With climate change putting pressure on humanity to develop and make use of alternative fuels, Hinderlie and her allies argued that in the long term, demand was unlikely to keep pace with oil producers’ desire to supply. 

Marisam argued that the Commerce Department was fudging what it meant to show demand. “Even if that definition is ambiguous, the commission’s reasonable application of its own rule is entitled to deference and should be accepted,” he said, referring to the PUC’s past acceptance of supply-based demand forecasts. Questioned by presiding Judge Lucinda Jesson as to whether Enbridge’s permit application included any consumer-based demand forecasts, he said it didn’t need them. 

“It doesn’t have a separate projection of consumer demand. That isn’t there, but that is not what the rule requires,” he said. 

Representing Enbridge, attorney Christy Brusven said that even if it was required, demand for Enbridge’s pipeline was all but guaranteed. Even if the region’s vehicles were 75% electric by 2035, she said, the pipeline would still have a use. “Line 3 is going to be used and useful throughout the forecast period,” she said. 

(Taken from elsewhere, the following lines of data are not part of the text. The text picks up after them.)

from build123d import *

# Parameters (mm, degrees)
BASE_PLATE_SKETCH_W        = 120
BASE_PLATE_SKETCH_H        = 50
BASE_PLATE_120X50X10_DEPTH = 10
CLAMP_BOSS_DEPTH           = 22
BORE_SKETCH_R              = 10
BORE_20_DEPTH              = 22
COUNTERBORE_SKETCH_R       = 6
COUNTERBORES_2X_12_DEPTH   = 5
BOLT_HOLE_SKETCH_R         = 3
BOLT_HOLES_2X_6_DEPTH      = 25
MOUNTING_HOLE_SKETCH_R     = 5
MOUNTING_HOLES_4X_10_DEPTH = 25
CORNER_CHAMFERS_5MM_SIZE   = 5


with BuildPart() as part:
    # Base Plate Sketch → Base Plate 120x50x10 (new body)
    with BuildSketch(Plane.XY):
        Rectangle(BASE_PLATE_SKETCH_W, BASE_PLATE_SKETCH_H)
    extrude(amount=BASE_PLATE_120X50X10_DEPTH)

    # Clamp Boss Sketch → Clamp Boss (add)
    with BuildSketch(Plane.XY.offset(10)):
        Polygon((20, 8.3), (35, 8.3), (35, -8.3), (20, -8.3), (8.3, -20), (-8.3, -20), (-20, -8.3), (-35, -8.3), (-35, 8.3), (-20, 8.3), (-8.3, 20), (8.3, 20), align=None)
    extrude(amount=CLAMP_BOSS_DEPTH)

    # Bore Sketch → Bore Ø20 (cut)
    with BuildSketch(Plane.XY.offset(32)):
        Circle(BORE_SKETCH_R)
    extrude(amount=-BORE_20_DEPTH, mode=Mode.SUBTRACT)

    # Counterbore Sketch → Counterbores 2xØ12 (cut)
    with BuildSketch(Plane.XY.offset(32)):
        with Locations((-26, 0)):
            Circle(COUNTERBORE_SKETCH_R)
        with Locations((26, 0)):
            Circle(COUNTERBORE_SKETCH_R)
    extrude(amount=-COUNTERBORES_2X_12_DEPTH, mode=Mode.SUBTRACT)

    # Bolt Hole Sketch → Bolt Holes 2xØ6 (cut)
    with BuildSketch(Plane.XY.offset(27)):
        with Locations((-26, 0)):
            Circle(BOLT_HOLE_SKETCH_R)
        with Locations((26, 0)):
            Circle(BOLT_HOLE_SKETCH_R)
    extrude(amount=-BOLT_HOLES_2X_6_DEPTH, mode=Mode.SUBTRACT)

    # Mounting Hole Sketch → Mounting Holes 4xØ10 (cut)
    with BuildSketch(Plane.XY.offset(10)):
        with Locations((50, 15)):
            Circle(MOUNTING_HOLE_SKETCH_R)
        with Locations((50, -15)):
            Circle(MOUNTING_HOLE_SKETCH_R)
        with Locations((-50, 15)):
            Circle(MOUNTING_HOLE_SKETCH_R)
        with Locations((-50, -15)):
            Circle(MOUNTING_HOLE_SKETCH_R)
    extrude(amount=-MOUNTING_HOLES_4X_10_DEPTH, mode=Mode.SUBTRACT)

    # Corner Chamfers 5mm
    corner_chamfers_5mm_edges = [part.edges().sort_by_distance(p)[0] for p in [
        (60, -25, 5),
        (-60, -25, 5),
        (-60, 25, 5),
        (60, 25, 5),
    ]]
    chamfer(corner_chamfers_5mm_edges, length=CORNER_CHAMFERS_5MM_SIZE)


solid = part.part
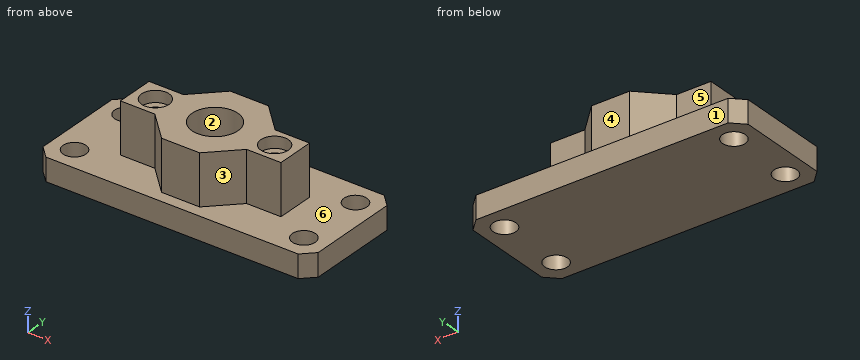
For this review, take the finished solid that the model builds, in its own axes (mm). Face numbers are marked on the shaded views. A direction names the side the tool comes from. Round coordinates to 2 decimals unless told otherwise and drop trailing zeros. Order: outer loops, then holes, each group sorted by start corner. A loop starts at its lowest first (then second) coordinate and runs counter-clockwise, first axis right, second up. Notation, with made-up numbers: (29, 60.25) -> (76, 60.25) arc R25 ccw to (76, 72.25) -> close; hole circle Ø6 at (-11.5, 63). An arc over 180 degrees is marked (long way). Write item = value, one per line. Start each with the question number.
1) The part is to be moulded in two halves that separate along X. For the marked faces 1, 2 and 3, say which applies: +X half, -X half, draft (parallel to the pull), parting line (faces both ways), or undercut.
2) Insertion check: pin 1 (4.5 mm diameter, centred on x = -28.5, z = 25.5, fed in from +Y); pin 2 (8.5 mm diameter, centred on x = 0, z = 18, fed in from +Y); pin 3 (6 mm diameter, centred on x = 4.5, y = -6, fed in from -Z); pin 4 (3 mm diameter, centred on y = -14, z = 28, fed in from -X). Each pin has a flat end and moves straight along its axis. Give the tip position at first contact, or say it passes through.
3) To check wall thickness, follow line 1 (Y direction, x = -50, z = 4.75); line 2 (X direction, y = 17.5, z = 7); line 3 (Y direction, x = 54, z = 6.5). State the ranges of each line that lie inside material, in increasing order. Write a range as from..to.
4) Take a section at A-A on x = -47. State the section outline as (y, z) points, plus the area to 3 significant figures.
5) Take a section at B-B on z = 24.5. State the section outline as (x, y) points.
6) Tool access review of the marked faces 4, 5 and 6: name each direction out of +Z, -Z, +X, -X, +Y, -Y from which nothing blocks a thin tool from reaching the whole face with its end or side.
7) Take a section at D-D on x = 26. State the section outline as (y, z) points.
8) Take a section at C-C on y = -11.5. State the section outline as (x, z) points.
Verdict:
q1.face_1 = draft
q1.face_2 = undercut
q1.face_3 = +X half
q2.pin_1 = 8.3
q2.pin_2 = 20
q2.pin_3 = 0
q2.pin_4 = -15.8
q3.line_1 = -25..-20, -10..10, 20..25
q3.line_2 = -60..-54.33, -45.67..45.67, 54.33..60
q3.line_3 = -25..-18, -12..12, 18..25
q4.outline = (-25, 0) -> (-19, 0) -> (-19, 10) -> (-25, 10) -> close; (-11, 0) -> (11, 0) -> (11, 10) -> (-11, 10) -> close; (19, 0) -> (25, 0) -> (25, 10) -> (19, 10) -> close
q4.area = 340 mm2
q5.outline = (-35, -8.3) -> (-20, -8.3) -> (-8.3, -20) -> (8.3, -20) -> (20, -8.3) -> (35, -8.3) -> (35, 8.3) -> (20, 8.3) -> (8.3, 20) -> (-8.3, 20) -> (-20, 8.3) -> (-35, 8.3) -> close; hole circle Ø6 at (-26, 0); hole circle Ø20 at (0, 0); hole circle Ø6 at (26, 0)
q6.face_4 = +Z, +X, -X, +Y
q6.face_5 = +Z, -X, +Y
q6.face_6 = +Z
q7.outline = (-25, 0) -> (25, 0) -> (25, 10) -> (8.3, 10) -> (8.3, 32) -> (6, 32) -> (6, 27) -> (3, 27) -> (3, 2) -> (-3, 2) -> (-3, 27) -> (-6, 27) -> (-6, 32) -> (-8.3, 32) -> (-8.3, 10) -> (-25, 10) -> close
q8.outline = (-60, 0) -> (-53.57, 0) -> (-53.57, 10) -> (-60, 10) -> close; (-46.43, 0) -> (46.43, 0) -> (46.43, 10) -> (16.8, 10) -> (16.8, 32) -> (-16.8, 32) -> (-16.8, 10) -> (-46.43, 10) -> close; (53.57, 0) -> (60, 0) -> (60, 10) -> (53.57, 10) -> close

Judge Peter Reyes Jr. raised concerns about the amount of time that has passed since data was first compiled for the first certificate of need, wondering whether the numbers Enbridge provided in 2016 were still good five years later. 

“Why didn’t the commission err by not updating its certificate of need, and instead relying on what looks like very stale data now," he asked.

Brusven said that was out of the scope of the review the court requested on the first round. “This is an administrative action. There’s always some lag between the record development and the final decision,” she said. “If every new piece of evidence or every new inference required us to start over we’d never get through this analysis.” 

In addition to the demand-calculation question, the court delved into whether Enbridge had adequately complied with an earlier order requiring the energy company to more closely examine the impact of a potential spill on Lake Superior and its watershed. The PUC re-approved the company’s permits after it provided modeling data from Little Otter Creek, a small tributary near the city of Cloquet, 20 miles west of Duluth. 

“This court directed the commission to evaluate the impacts of a spill on Lake Superior and its watershed,” attorney David Zoll, representing the Mille Lacs Band of Ojibwe, said. “The commission took that directive, and decided that it could fulfill it by evaluating any point in the watershed.”

The evaluation of a potential spill at Little Otter Creek, Zoll argued, was inadequate to demonstrate the impacts of a worst-case-scenario spill from the pipeline. 

Jesson prodded at that argument. “It wasn’t like they chose a place that was impossible for the oil to reach the lake,” she said. 

“They needed to choose a location that was most likely for the oil to reach the lake,” Zoll replied. 

Enbridge spokeswoman Juli Kellner said in a statement that the permitting process had been fair and transparent and that the Line 3 replacement would be an environmental improvement on its predecessor.

“The replacement of Line 3 is an essential maintenance and safety project that enhances environmental protections,” she said. “It also is creating significant economic benefits for Minnesota counties, small businesses, Native American communities, and union members including 5,200 construction jobs, millions of dollars in local spending and tax revenues at a time when the state needs it most.”

Construction of Line 3 in North Dakota and Wisconsin is already complete, and construction began in Minnesota in December after receiving critical permits in November. Activists have kept up a steady opposition to the pipeline over the past several months, camping out in the path of the pipeline and working to delay it as much as possible.